Are you ready for higher interest rates – and is there anything you can do to cushion the blow?
Adam Aiken takes a look
Interest rates have been at a historical low of 0.5% for more than half a decade. There have been suggestions at various times during this period that rates are about to go back up, but these have all been false alarms – so far.
However, there are whispers once again that a rise in base rate is imminent, and that means businesses with borrowings need to be prepared.
Despite the woes that businesses have found when it comes to bank financing since the 2008 crash, many of those that have successfully borrowed money have done so at very cheap rates. According to the Institute of Chartered Accountants in England and Wales (ICAEW), there are 1.6 million businesses that have been established while interest rates have been at 0.5%, and, crucially, these businesses have no experience of operating in a world with higher rates. ICAEW has also found that nearly two thirds of businesses have not put any measures in place to deal with rising interest rates.
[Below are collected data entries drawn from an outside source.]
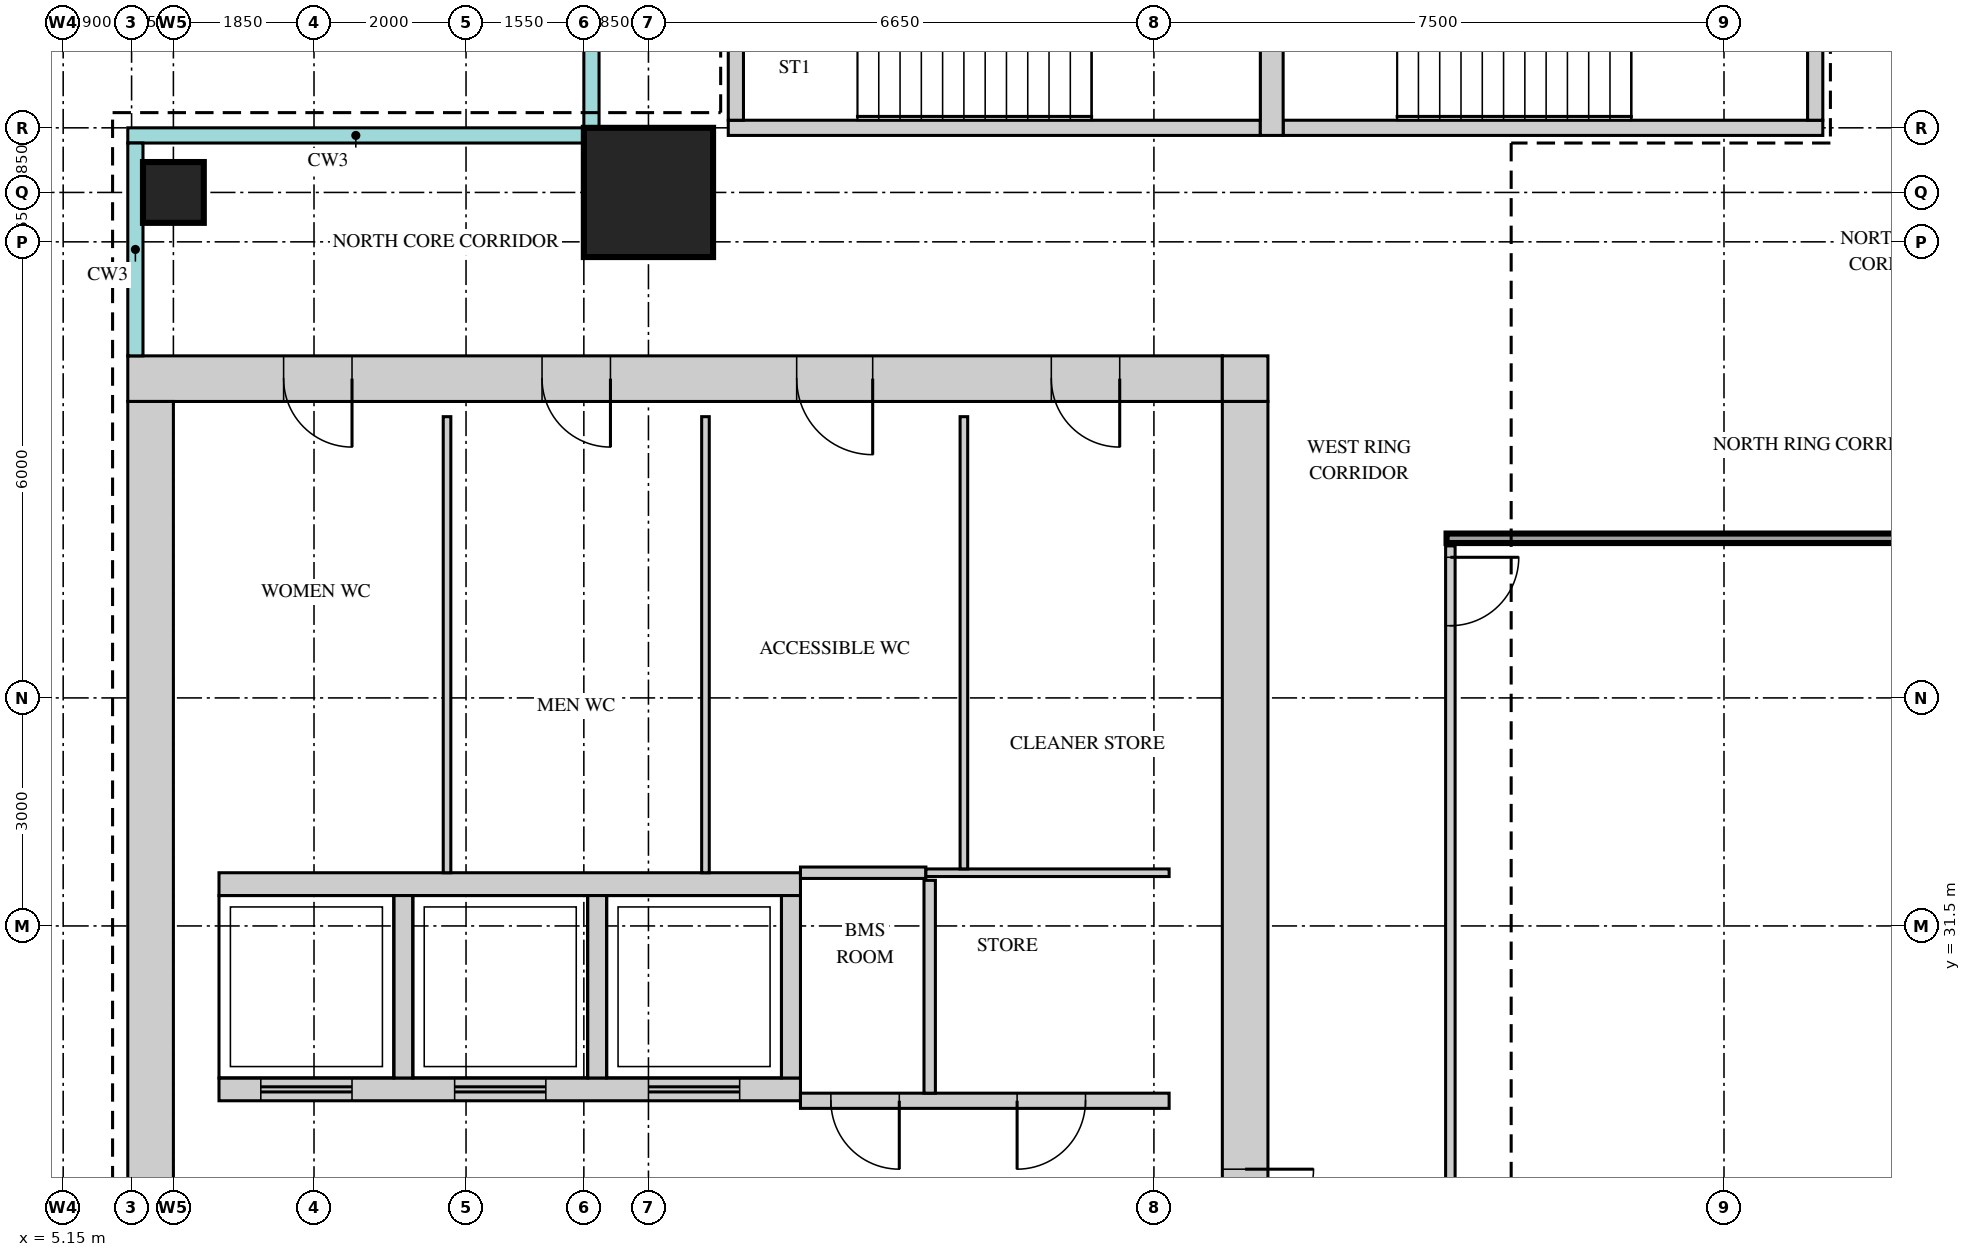
"""IFC4 building model, lengths in metres.
Left out: names, types, materials, properties, quantities, classifications, styles, units other than length and angle.
Written with IfcOpenShell. Run it as: python <this file> out.ifc"""

import sys

from ifc_helpers import new_model, si_unit, direction, frame, frame_2d, origin, origin_2d, place, context, subcontext, project, spatial, rectangle, extrude, source, transform, mapped, element, fill, save


model = new_model("IFC4")
c1 = context("Model", 3, precision=1e-05, world=origin(), true_north=direction((0.0, 1.0)))
c2 = subcontext(c1, "Body", "Model", "MODEL_VIEW")
j1 = project(units=[si_unit("LENGTHUNIT", "METRE"), si_unit("PLANEANGLEUNIT", "RADIAN")], contexts=[c1])
p1 = place(None, origin())
s1 = spatial("IfcSite", under=j1, at=p1, CompositionType="ELEMENT")
p2 = place(p1, origin())
s2 = spatial("IfcBuilding", under=s1, at=p2, CompositionType="ELEMENT")
p3 = place(p2, frame((0.0, 0.0, 322.2)))
s3 = spatial("IfcBuildingStorey", under=s2, at=p3, CompositionType="ELEMENT", Elevation=322.2)
m1 = source(origin(), c2, "Body", "SweptSolid", [
    extrude(rectangle(XDim=14.4, YDim=0.6, at=frame_2d((7.2, 0.0))), origin(), (0.0, 0.0, 1.0), 3.75),
])
p4 = place(p3, frame((6.0, 38.7, 0.0), z_axis=(0.0, 0.0, 1.0), x_axis=(1.0, 0.0, 0.0)))
e1 = element("IfcWall", 1, at=p4, inside=s3, PredefinedType="SHEAR", context=c2, shape_type="MappedRepresentation", body=[
    mapped(m1, transform((0.0, 0.0, 0.0))),
])
m2 = source(origin(), c2, "Body", "SweptSolid", [
    extrude(rectangle(XDim=0.9, YDim=2.1, at=frame_2d((0.45, 1.05))), frame((0.0, 0.31, 0.0), z_axis=(0.0, -1.0, 0.0), x_axis=(1.0, 0.0, 0.0)), (0.0, 0.0, 1.0), 0.62),
])
p5 = place(p4, frame((2.05, 0.0, 0.0)))
e2 = element("IfcOpeningElement", 2, at=p5, cuts=e1, PredefinedType="OPENING", context=c2, shape_type="MappedRepresentation", body=[
    mapped(m2, transform((0.0, 0.0, 0.0))),
])
p6 = place(p4, frame((5.45, 0.0, 0.0)))
e3 = element("IfcOpeningElement", 3, at=p6, cuts=e1, PredefinedType="OPENING", context=c2, shape_type="MappedRepresentation", body=[
    mapped(m2, transform((0.0, 0.0, 0.0))),
])
m3 = source(origin(), c2, "Body", "SweptSolid", [
    extrude(rectangle(XDim=1.0, YDim=2.1, at=frame_2d((0.5, 1.05))), frame((0.0, 0.31, 0.0), z_axis=(0.0, -1.0, 0.0), x_axis=(1.0, 0.0, 0.0)), (0.0, 0.0, 1.0), 0.62),
])
p7 = place(p4, frame((8.8, 0.0, 0.0)))
e4 = element("IfcOpeningElement", 4, at=p7, cuts=e1, PredefinedType="OPENING", context=c2, shape_type="MappedRepresentation", body=[
    mapped(m3, transform((0.0, 0.0, 0.0))),
])
p8 = place(p4, frame((12.15, 0.0, 0.0)))
e5 = element("IfcOpeningElement", 5, at=p8, cuts=e1, PredefinedType="OPENING", context=c2, shape_type="MappedRepresentation", body=[
    mapped(m2, transform((0.0, 0.0, 0.0))),
])
m4 = source(origin(), c2, "Body", "SweptSolid", [
    extrude(rectangle(XDim=0.6, YDim=0.6, at=frame_2d((0.3, 0.0))), origin(), (0.0, 0.0, 1.0), 3.75),
])
p9 = place(p3, frame((20.4, 38.7, 0.0), z_axis=(0.0, 0.0, 1.0), x_axis=(1.0, 0.0, 0.0)))
e6 = element("IfcWall", 6, at=p9, inside=s3, PredefinedType="SHEAR", context=c2, shape_type="MappedRepresentation", body=[
    mapped(m4, transform((0.0, 0.0, 0.0))),
])
m5 = source(origin(), c2, "Body", "SweptSolid", [
    extrude(rectangle(XDim=22.8, YDim=0.6, at=frame_2d((11.4, 0.0))), origin(), (0.0, 0.0, 1.0), 3.75),
])
p10 = place(p3, frame((20.7, 15.6, 0.0), z_axis=(0.0, 0.0, 1.0), x_axis=(0.0, 1.0, 0.0)))
e7 = element("IfcWall", 7, at=p10, inside=s3, PredefinedType="SHEAR", context=c2, shape_type="MappedRepresentation", body=[
    mapped(m5, transform((0.0, 0.0, 0.0))),
])
m6 = source(origin(), c2, "Body", "SweptSolid", [
    extrude(rectangle(XDim=1.8, YDim=2.1, at=frame_2d((0.9, 1.05))), frame((0.0, 0.31, 0.0), z_axis=(0.0, -1.0, 0.0), x_axis=(1.0, 0.0, 0.0)), (0.0, 0.0, 1.0), 0.62),
])
p11 = place(p10, frame((10.9, 0.0, 0.0)))
e8 = element("IfcOpeningElement", 8, at=p11, cuts=e7, PredefinedType="OPENING", context=c2, shape_type="MappedRepresentation", body=[
    mapped(m6, transform((0.0, 0.0, 0.0))),
])
p12 = place(p10, frame((0.55, 0.0, 0.0)))
e9 = element("IfcOpeningElement", 9, at=p12, cuts=e7, PredefinedType="OPENING", context=c2, shape_type="MappedRepresentation", body=[
    mapped(m2, transform((0.0, 0.0, 0.0))),
])
p13 = place(p10, frame((4.1, 0.0, 0.0)))
e10 = element("IfcOpeningElement", 10, at=p13, cuts=e7, PredefinedType="OPENING", context=c2, shape_type="MappedRepresentation", body=[
    mapped(m2, transform((0.0, 0.0, 0.0))),
])
p14 = place(p3, frame((6.3, 15.6, 0.0), z_axis=(0.0, 0.0, 1.0), x_axis=(0.0, 1.0, 0.0)))
e11 = element("IfcWall", 11, at=p14, inside=s3, PredefinedType="SHEAR", context=c2, shape_type="MappedRepresentation", body=[
    mapped(m5, transform((0.0, 0.0, 0.0))),
])
m7 = source(origin(), c2, "Body", "SweptSolid", [
    extrude(rectangle(XDim=7.0, YDim=0.2, at=frame_2d((3.5, 0.0))), origin(), (0.0, 0.0, 1.0), 3.75),
])
p15 = place(p3, frame((13.9, 42.0, 0.0), z_axis=(0.0, 0.0, 1.0), x_axis=(1.0, 0.0, 0.0)))
e12 = element("IfcWall", 12, at=p15, inside=s3, PredefinedType="SHEAR", context=c2, shape_type="MappedRepresentation", body=[
    mapped(m7, transform((0.0, 0.0, 0.0))),
])
m8 = source(origin(), c2, "Body", "SweptSolid", [
    extrude(rectangle(XDim=7.1, YDim=0.2, at=frame_2d((3.55, 0.0))), origin(), (0.0, 0.0, 1.0), 3.75),
])
p16 = place(p3, frame((21.2, 42.0, 0.0), z_axis=(0.0, 0.0, 1.0), x_axis=(1.0, 0.0, 0.0)))
e13 = element("IfcWall", 13, at=p16, inside=s3, PredefinedType="SHEAR", context=c2, shape_type="MappedRepresentation", body=[
    mapped(m8, transform((0.0, 0.0, 0.0))),
])
m9 = source(origin(), c2, "Body", "SweptSolid", [
    extrude(rectangle(XDim=3.75, YDim=0.3, at=frame_2d((1.875, 0.0))), origin(), (0.0, 0.0, 1.0), 3.75),
])
p17 = place(p3, frame((21.05, 41.9, 0.0), z_axis=(0.0, 0.0, 1.0), x_axis=(0.0, 1.0, 0.0)))
e14 = element("IfcWall", 14, at=p17, inside=s3, PredefinedType="SHEAR", context=c2, shape_type="MappedRepresentation", body=[
    mapped(m9, transform((0.0, 0.0, 0.0))),
])
m10 = source(origin(), c2, "Body", "SweptSolid", [
    extrude(rectangle(XDim=3.35, YDim=0.2, at=frame_2d((1.675, 0.0))), origin(), (0.0, 0.0, 1.0), 3.75),
])
for number, where, z_axis, x_axis in (
    (15, (14.0, 42.1, 0.0), (0.0, 0.0, 1.0), (0.0, 1.0, 0.0)),
    (16, (28.2, 42.1, 0.0), (0.0, 0.0, 1.0), (0.0, 1.0, 0.0)),
):
    element("IfcWall", number, at=place(p3, frame(where, z_axis=z_axis, x_axis=x_axis)), inside=s3, PredefinedType="SHEAR", context=c2, shape_type="MappedRepresentation", body=[
        mapped(m10, transform((0.0, 0.0, 0.0))),
    ])
m11 = source(origin(), c2, "Body", "SweptSolid", [
    extrude(rectangle(XDim=7.65, YDim=0.3, at=frame_2d((3.825, 0.0))), origin(), (0.0, 0.0, 1.0), 3.75),
])
p18 = place(p3, frame((7.2, 32.05, 0.0), z_axis=(0.0, 0.0, 1.0), x_axis=(1.0, 0.0, 0.0)))
e17 = element("IfcWall", 17, at=p18, inside=s3, PredefinedType="STANDARD", context=c2, shape_type="MappedRepresentation", body=[
    mapped(m11, transform((0.0, 0.0, 0.0))),
])
p19 = place(p3, frame((7.2, 29.35, 0.0), z_axis=(0.0, 0.0, 1.0), x_axis=(1.0, 0.0, 0.0)))
e18 = element("IfcWall", 18, at=p19, inside=s3, PredefinedType="STANDARD", context=c2, shape_type="MappedRepresentation", body=[
    mapped(m11, transform((0.0, 0.0, 0.0))),
])
m12 = source(origin(), c2, "Body", "SweptSolid", [
    extrude(rectangle(XDim=1.2, YDim=2.1, at=frame_2d((0.6, 1.05))), frame((0.0, 0.16, 0.0), z_axis=(0.0, -1.0, 0.0), x_axis=(1.0, 0.0, 0.0)), (0.0, 0.0, 1.0), 0.32),
])
p20 = place(p19, frame((0.55, 0.0, 0.0)))
e19 = element("IfcOpeningElement", 19, at=p20, cuts=e18, PredefinedType="OPENING", context=c2, shape_type="MappedRepresentation", body=[
    mapped(m12, transform((0.0, 0.0, 0.0))),
])
p21 = place(p19, frame((3.1, 0.0, 0.0)))
e20 = element("IfcOpeningElement", 20, at=p21, cuts=e18, PredefinedType="OPENING", context=c2, shape_type="MappedRepresentation", body=[
    mapped(m12, transform((0.0, 0.0, 0.0))),
])
p22 = place(p19, frame((5.65, 0.0, 0.0)))
e21 = element("IfcOpeningElement", 21, at=p22, cuts=e18, PredefinedType="OPENING", context=c2, shape_type="MappedRepresentation", body=[
    mapped(m12, transform((0.0, 0.0, 0.0))),
])
m13 = source(origin(), c2, "Body", "SweptSolid", [
    extrude(rectangle(XDim=2.4, YDim=0.25, at=frame_2d((1.2, 0.0))), origin(), (0.0, 0.0, 1.0), 3.75),
])
for number, where, z_axis, x_axis in (
    (22, (9.625, 29.5, 0.0), (0.0, 0.0, 1.0), (0.0, 1.0, 0.0)),
    (23, (12.175, 29.5, 0.0), (0.0, 0.0, 1.0), (0.0, 1.0, 0.0)),
    (24, (14.725, 29.5, 0.0), (0.0, 0.0, 1.0), (0.0, 1.0, 0.0)),
):
    element("IfcWall", number, at=place(p3, frame(where, z_axis=z_axis, x_axis=x_axis)), inside=s3, PredefinedType="STANDARD", context=c2, shape_type="MappedRepresentation", body=[
        mapped(m13, transform((0.0, 0.0, 0.0))),
    ])
m14 = source(origin(), c2, "Body", "SweptSolid", [
    extrude(rectangle(XDim=1.7, YDim=1.7, at=origin_2d()), origin(), (0.0, 0.0, 1.0), 3.75),
])
p23 = place(p3, frame((12.85, 41.15, 0.0), z_axis=(0.0, 0.0, 1.0), x_axis=(1.0, 0.0, 0.0)))
e25 = element("IfcColumn", 25, at=p23, inside=s3, PredefinedType="COLUMN", context=c2, shape_type="MappedRepresentation", body=[
    mapped(m14, transform((0.0, 0.0, 0.0))),
])
m15 = source(origin(), c2, "Body", "SweptSolid", [
    extrude(rectangle(XDim=0.8, YDim=0.8, at=origin_2d()), origin(), (0.0, 0.0, 1.0), 3.75),
])
p24 = place(p3, frame((6.6, 41.15, 0.0), z_axis=(0.0, 0.0, 1.0), x_axis=(1.0, 0.0, 0.0)))
e26 = element("IfcColumn", 26, at=p24, inside=s3, PredefinedType="COLUMN", context=c2, shape_type="MappedRepresentation", body=[
    mapped(m15, transform((0.0, 0.0, 0.0))),
])
m16 = source(origin(), c2, "Body", "SweptSolid", [
    extrude(rectangle(XDim=19.0, YDim=0.125, at=frame_2d((9.5, 0.0))), origin(), (0.0, 0.0, 1.0), 3.8),
])
p25 = place(p3, frame((23.4, 17.5, 0.0), z_axis=(0.0, 0.0, 1.0), x_axis=(0.0, 1.0, 0.0)))
e27 = element("IfcWall", 27, at=p25, inside=s3, PredefinedType="PARTITIONING", context=c2, shape_type="MappedRepresentation", body=[
    mapped(m16, transform((0.0, 0.0, 0.0))),
])
m17 = source(origin(), c2, "Body", "SweptSolid", [
    extrude(rectangle(XDim=1.2, YDim=2.1, at=frame_2d((0.6, 1.05))), frame((0.0, 0.073, 0.0), z_axis=(0.0, -1.0, 0.0), x_axis=(1.0, 0.0, 0.0)), (0.0, 0.0, 1.0), 0.145),
])
p26 = place(p25, frame((8.9, 0.0, 0.0)))
e28 = element("IfcOpeningElement", 28, at=p26, cuts=e27, PredefinedType="OPENING", context=c2, shape_type="MappedRepresentation", body=[
    mapped(m17, transform((0.0, 0.0, 0.0))),
])
m18 = source(origin(), c2, "Body", "SweptSolid", [
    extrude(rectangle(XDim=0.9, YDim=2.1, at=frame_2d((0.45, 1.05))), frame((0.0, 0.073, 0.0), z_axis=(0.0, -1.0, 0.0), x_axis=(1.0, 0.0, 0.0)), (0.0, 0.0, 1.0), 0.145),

Although you won’t be able to prevent a rise, there are a few basic things you can do to make life easier when it eventually happens – and it will.
As with a domestic mortgage, consider shopping around for a new deal on your borrowings. You might be able to find a fixed rate deal that will charge you a little bit more than your current rate, but which will cushion you from the effects of any baserate rises.
What if you don’t rely heavily on borrowings? This doesn’t necessarily mean you are out of the woods. A rise in rates will affect everyone, not just you. Research by Company Watch suggests that one in five businesses uses more than 90% of its operating profits to meet interest commitments.
So even if you’re prepared for a base rate rise, you might have customers and suppliers who aren’t. Keep an eye on them and look out for signs that they’re struggling.
Meanwhile, consumer spending could also take a hit if the base rate goes up. Personal and consumer debt is more than £1.4 trillion and many people will struggle when the cost of their borrowing rises. As a result, there are likely to be few, if any, businesses that will not be impacted at all when the Bank of England eventually makes its move.
However, if you have been thinking about making further investments, now might be the time to act. Lenders themselves will be preparing for a rise, so you are unlikely to find finance deals as cheap as they once were, but looking to secure your funds now is likely to prove cheaper than waiting another year if the expectations are correct.